Your 3-step TM algorithm looks simple which is good, but I honestly do not follow as to how it would satisfy the TM computational/programming requirements. Could you explain more?
My understanding is that TM inputs are active columns that are set up by the SP, they don’t directly care that much about SDRs.
In think you meant on bits of the input space. Not all columns that contain a subset of the SDR bits in their receptive fields become active. If they were then the TM algorithm would be simpler. I guess I know how you got your 3-step algorithm.
I think the TM alorithm is not complicated, if one compares this to other learning algorithms out there. It is straight forward however it is a bit hard to make a mental picture of it because the sequence learning is done in a distributed manner.
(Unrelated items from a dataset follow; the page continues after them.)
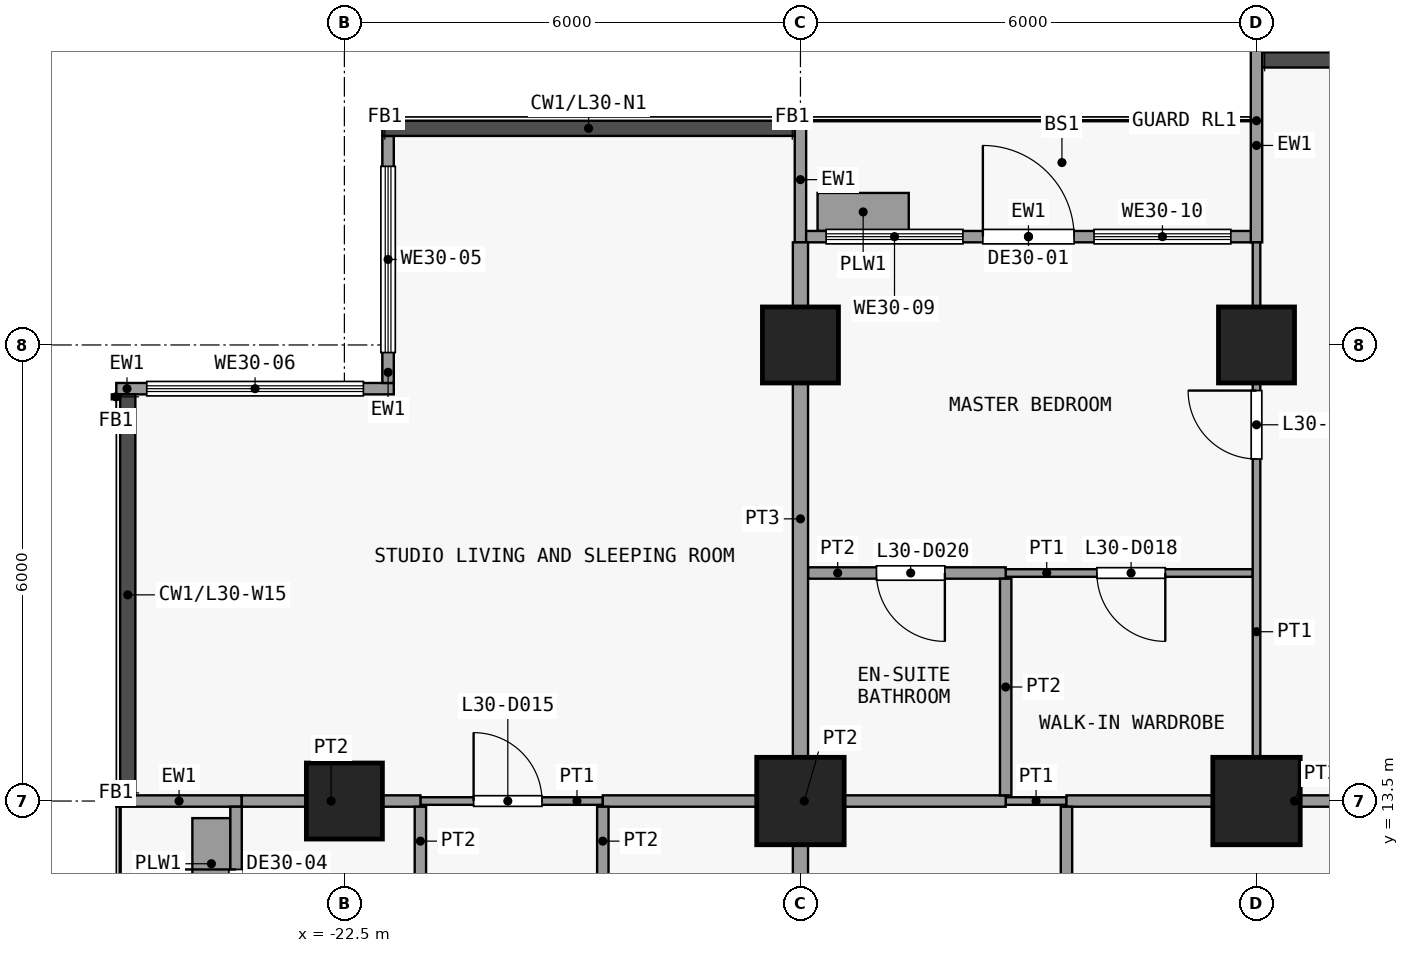
"""IFC4 building model, lengths in metres.
Left out: names, types, materials, properties, quantities, classifications, styles, units other than length and angle.
Written with IfcOpenShell. Run it as: python <this file> out.ifc"""

import sys

from ifc_helpers import new_model, si_unit, direction, frame, frame_2d, origin, origin_2d, place, context, subcontext, project, spatial, rectangle, extrude, element, fill, save


model = new_model("IFC4")
c1 = context("Model", 3, precision=1e-05, world=origin(), true_north=direction((0.0, 1.0)))
c2 = subcontext(c1, "Body", "Model", "MODEL_VIEW")
j1 = project(units=[si_unit("LENGTHUNIT", "METRE"), si_unit("PLANEANGLEUNIT", "RADIAN")], contexts=[c1])
p1 = place(None, origin())
s1 = spatial("IfcSite", under=j1, at=p1, CompositionType="ELEMENT")
p2 = place(p1, origin())
s2 = spatial("IfcBuilding", under=s1, at=p2, CompositionType="ELEMENT")
p3 = place(p2, frame((0.0, 0.0, 120.7)))
s3 = spatial("IfcBuildingStorey", under=s2, at=p3, CompositionType="ELEMENT", Elevation=120.7)
p4 = place(p3, frame((-22.5, 13.5, 0.0), z_axis=(0.0, 0.0, 1.0), x_axis=(1.0, 0.0, 0.0)))
e1 = element("IfcColumn", 1, at=p4, inside=s3, PredefinedType="COLUMN", context=c2, shape_type="SweptSolid", body=[
    extrude(rectangle(XDim=1.0, YDim=1.0, at=origin_2d()), origin(), (0.0, 0.0, 1.0), 3.6),
])
p5 = place(p3, frame((-16.5, 13.5, 0.0), z_axis=(0.0, 0.0, 1.0), x_axis=(1.0, 0.0, 0.0)))
e2 = element("IfcColumn", 2, at=p5, inside=s3, PredefinedType="COLUMN", context=c2, shape_type="SweptSolid", body=[
    extrude(rectangle(XDim=1.15, YDim=1.15, at=origin_2d()), origin(), (0.0, 0.0, 1.0), 3.6),
])
p6 = place(p3, frame((-16.5, 19.5, 0.0), z_axis=(0.0, 0.0, 1.0), x_axis=(1.0, 0.0, 0.0)))
e3 = element("IfcColumn", 3, at=p6, inside=s3, PredefinedType="COLUMN", context=c2, shape_type="SweptSolid", body=[
    extrude(rectangle(XDim=1.0, YDim=1.0, at=origin_2d()), origin(), (0.0, 0.0, 1.0), 3.6),
])
p7 = place(p3, frame((-10.5, 13.5, 0.0), z_axis=(0.0, 0.0, 1.0), x_axis=(1.0, 0.0, 0.0)))
e4 = element("IfcColumn", 4, at=p7, inside=s3, PredefinedType="COLUMN", context=c2, shape_type="SweptSolid", body=[
    extrude(rectangle(XDim=1.15, YDim=1.15, at=origin_2d()), origin(), (0.0, 0.0, 1.0), 3.6),
])
p8 = place(p3, frame((-10.5, 19.5, 0.0), z_axis=(0.0, 0.0, 1.0), x_axis=(1.0, 0.0, 0.0)))
e5 = element("IfcColumn", 5, at=p8, inside=s3, PredefinedType="COLUMN", context=c2, shape_type="SweptSolid", body=[
    extrude(rectangle(XDim=1.0, YDim=1.0, at=origin_2d()), origin(), (0.0, 0.0, 1.0), 3.6),
])
p9 = place(p3, frame((-21.925, 19.0, 0.0), z_axis=(0.0, 0.0, 1.0), x_axis=(0.0, 1.0, 0.0)))
e6 = element("IfcWall", 6, at=p9, inside=s3, PredefinedType="SOLIDWALL", context=c2, shape_type="SweptSolid", body=[
    extrude(rectangle(XDim=3.25, YDim=0.15, at=frame_2d((1.625, 0.0))), origin(), (0.0, 0.0, 1.0), 3.3),
])
p10 = place(p9, frame((0.4, 0.0, 0.9)))
e7 = element("IfcOpeningElement", 7, at=p10, cuts=e6, PredefinedType="OPENING", context=c2, shape_type="SweptSolid", body=[
    extrude(rectangle(XDim=2.45, YDim=2.4, at=frame_2d((1.225, 1.2))), frame((0.0, 0.085, 0.0), z_axis=(0.0, -1.0, 0.0), x_axis=(1.0, 0.0, 0.0)), (0.0, 0.0, 1.0), 0.17),
])
p11 = place(p3, frame((-25.5, 18.925, 0.0), z_axis=(0.0, 0.0, 1.0), x_axis=(1.0, 0.0, 0.0)))
e8 = element("IfcWall", 8, at=p11, inside=s3, PredefinedType="SOLIDWALL", context=c2, shape_type="SweptSolid", body=[
    extrude(rectangle(XDim=3.65, YDim=0.15, at=frame_2d((1.825, 0.0))), origin(), (0.0, 0.0, 1.0), 3.3),
])
p12 = place(p11, frame((0.4, 0.0, 0.9)))
e9 = element("IfcOpeningElement", 9, at=p12, cuts=e8, PredefinedType="OPENING", context=c2, shape_type="SweptSolid", body=[
    extrude(rectangle(XDim=2.85, YDim=2.4, at=frame_2d((1.425, 1.2))), frame((0.0, 0.085, 0.0), z_axis=(0.0, -1.0, 0.0), x_axis=(1.0, 0.0, 0.0)), (0.0, 0.0, 1.0), 0.17),
])
p13 = place(p3, frame((-16.5, 20.85, 0.0), z_axis=(0.0, 0.0, 1.0), x_axis=(0.0, 1.0, 0.0)))
e10 = element("IfcWall", 10, at=p13, inside=s3, PredefinedType="SOLIDWALL", context=c2, shape_type="SweptSolid", body=[
    extrude(rectangle(XDim=1.65, YDim=0.15, at=frame_2d((0.825, 0.0))), origin(), (0.0, 0.0, 1.0), 3.3),
])
p14 = place(p3, frame((-10.5, 20.85, 0.0), z_axis=(0.0, 0.0, 1.0), x_axis=(0.0, 1.0, 0.0)))
e11 = element("IfcWall", 11, at=p14, inside=s3, PredefinedType="SOLIDWALL", context=c2, shape_type="SweptSolid", body=[
    extrude(rectangle(XDim=2.55, YDim=0.15, at=frame_2d((1.275, 0.0))), origin(), (0.0, 0.0, 1.0), 3.3),
])
p15 = place(p3, frame((-16.425, 20.925, 0.0), z_axis=(0.0, 0.0, 1.0), x_axis=(1.0, 0.0, 0.0)))
e12 = element("IfcWall", 12, at=p15, inside=s3, PredefinedType="SOLIDWALL", context=c2, shape_type="SweptSolid", body=[
    extrude(rectangle(XDim=5.85, YDim=0.15, at=frame_2d((2.925, 0.0))), origin(), (0.0, 0.0, 1.0), 3.3),
])
p16 = place(p15, frame((2.325, 0.0, 0.0)))
e13 = element("IfcOpeningElement", 13, at=p16, cuts=e12, PredefinedType="OPENING", context=c2, shape_type="SweptSolid", body=[
    extrude(rectangle(XDim=1.2, YDim=2.4, at=frame_2d((0.6, 1.2))), frame((0.0, 0.085, 0.0), z_axis=(0.0, -1.0, 0.0), x_axis=(1.0, 0.0, 0.0)), (0.0, 0.0, 1.0), 0.17),
])
p17 = place(p15, frame((0.262, 0.0, 0.9)))
e14 = element("IfcOpeningElement", 14, at=p17, cuts=e12, PredefinedType="OPENING", context=c2, shape_type="SweptSolid", body=[
    extrude(rectangle(XDim=1.8, YDim=2.1, at=frame_2d((0.9, 1.05))), frame((0.0, 0.085, 0.0), z_axis=(0.0, -1.0, 0.0), x_axis=(1.0, 0.0, 0.0)), (0.0, 0.0, 1.0), 0.17),
])
p18 = place(p15, frame((3.788, 0.0, 0.9)))
e15 = element("IfcOpeningElement", 15, at=p18, cuts=e12, PredefinedType="OPENING", context=c2, shape_type="SweptSolid", body=[
    extrude(rectangle(XDim=1.8, YDim=2.1, at=frame_2d((0.9, 1.05))), frame((0.0, 0.085, 0.0), z_axis=(0.0, -1.0, 0.0), x_axis=(1.0, 0.0, 0.0)), (0.0, 0.0, 1.0), 0.17),
])
p19 = place(p3, frame((-16.275, 21.25, 0.0), z_axis=(0.0, 0.0, 1.0), x_axis=(1.0, 0.0, 0.0)))
e16 = element("IfcWall", 16, at=p19, inside=s3, PredefinedType="USERDEFINED", context=c2, shape_type="SweptSolid", body=[
    extrude(rectangle(XDim=1.2, YDim=0.5, at=frame_2d((0.6, 0.0))), origin(), (0.0, 0.0, 1.0), 0.9),
])
p20 = place(p3, frame((-23.85, 13.5, 0.0), z_axis=(0.0, 0.0, 1.0), x_axis=(-1.0, 0.0, 0.0)))
e17 = element("IfcWall", 17, at=p20, inside=s3, PredefinedType="SOLIDWALL", context=c2, shape_type="SweptSolid", body=[
    extrude(rectangle(XDim=1.65, YDim=0.15, at=frame_2d((0.825, 0.0))), origin(), (0.0, 0.0, 1.0), 3.3),
])
p21 = place(p3, frame((-23.925, 7.575, 0.0), z_axis=(0.0, 0.0, 1.0), x_axis=(0.0, 1.0, 0.0)))
e18 = element("IfcWall", 18, at=p21, inside=s3, PredefinedType="SOLIDWALL", context=c2, shape_type="SweptSolid", body=[
    extrude(rectangle(XDim=5.85, YDim=0.15, at=frame_2d((2.925, 0.0))), origin(), (0.0, 0.0, 1.0), 3.3),
])
p22 = place(p21, frame((3.825, 0.0, 0.0)))
e19 = element("IfcOpeningElement", 19, at=p22, cuts=e18, PredefinedType="OPENING", context=c2, shape_type="SweptSolid", body=[
    extrude(rectangle(XDim=1.2, YDim=2.4, at=frame_2d((0.6, 1.2))), frame((0.0, 0.085, 0.0), z_axis=(0.0, -1.0, 0.0), x_axis=(1.0, 0.0, 0.0)), (0.0, 0.0, 1.0), 0.17),
])
p23 = place(p21, frame((1.012, 0.0, 0.9)))
e20 = element("IfcOpeningElement", 20, at=p23, cuts=e18, PredefinedType="OPENING", context=c2, shape_type="SweptSolid", body=[
    extrude(rectangle(XDim=1.8, YDim=2.1, at=frame_2d((0.9, 1.05))), frame((0.0, 0.085, 0.0), z_axis=(0.0, -1.0, 0.0), x_axis=(1.0, 0.0, 0.0)), (0.0, 0.0, 1.0), 0.17),
])
p24 = place(p3, frame((-24.25, 12.075, 0.0), z_axis=(0.0, 0.0, 1.0), x_axis=(0.0, 1.0, 0.0)))
e21 = element("IfcWall", 21, at=p24, inside=s3, PredefinedType="USERDEFINED", context=c2, shape_type="SweptSolid", body=[
    extrude(rectangle(XDim=1.2, YDim=0.5, at=frame_2d((0.6, 0.0))), origin(), (0.0, 0.0, 1.0), 0.9),
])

Implementation-wise, the SDR is just a concept of what the HTM prefers to represent its inputs. Inputs are encoded as SDRs using specific SDR encoders. The SP I believe is yet another concept, but implementation-wise it maps columns to input bits in the input space in groups called receptive fields. An input bit may or may not fall into a column’s receptive field this also means that if a column gets active then that is because it has “seen a set of bits” that overlaps the input (represented as an SDR). This set in practice is almost always a subset of bits not a superset. So an active column is really carrying the information of “I activate when I see this pattern from my receptive field”.
Going back to your 3-step algo, how does sequence learning work in that simple algo?
@OhMyHTM This looks to me like @Jose_Cueto is trying to understand your points and asking you counter questions. I also don’t quite understand the point you are trying to make. You’re saying the input space doesn’t have to be sparse, so may not technically be an SDR, and I can see from Jose’s response he also understands that, too. But you are claiming (it seems to me) that the TM has too many steps, and could be simplified. Correct? If so, that’s big news.
Maybe this is the confusion. It’s not really two vectors, but a vector of vectors. From one neuron’s standpoint, it has X dendritic segments, each having a unique number of synapses. This is more complex than just two vectors.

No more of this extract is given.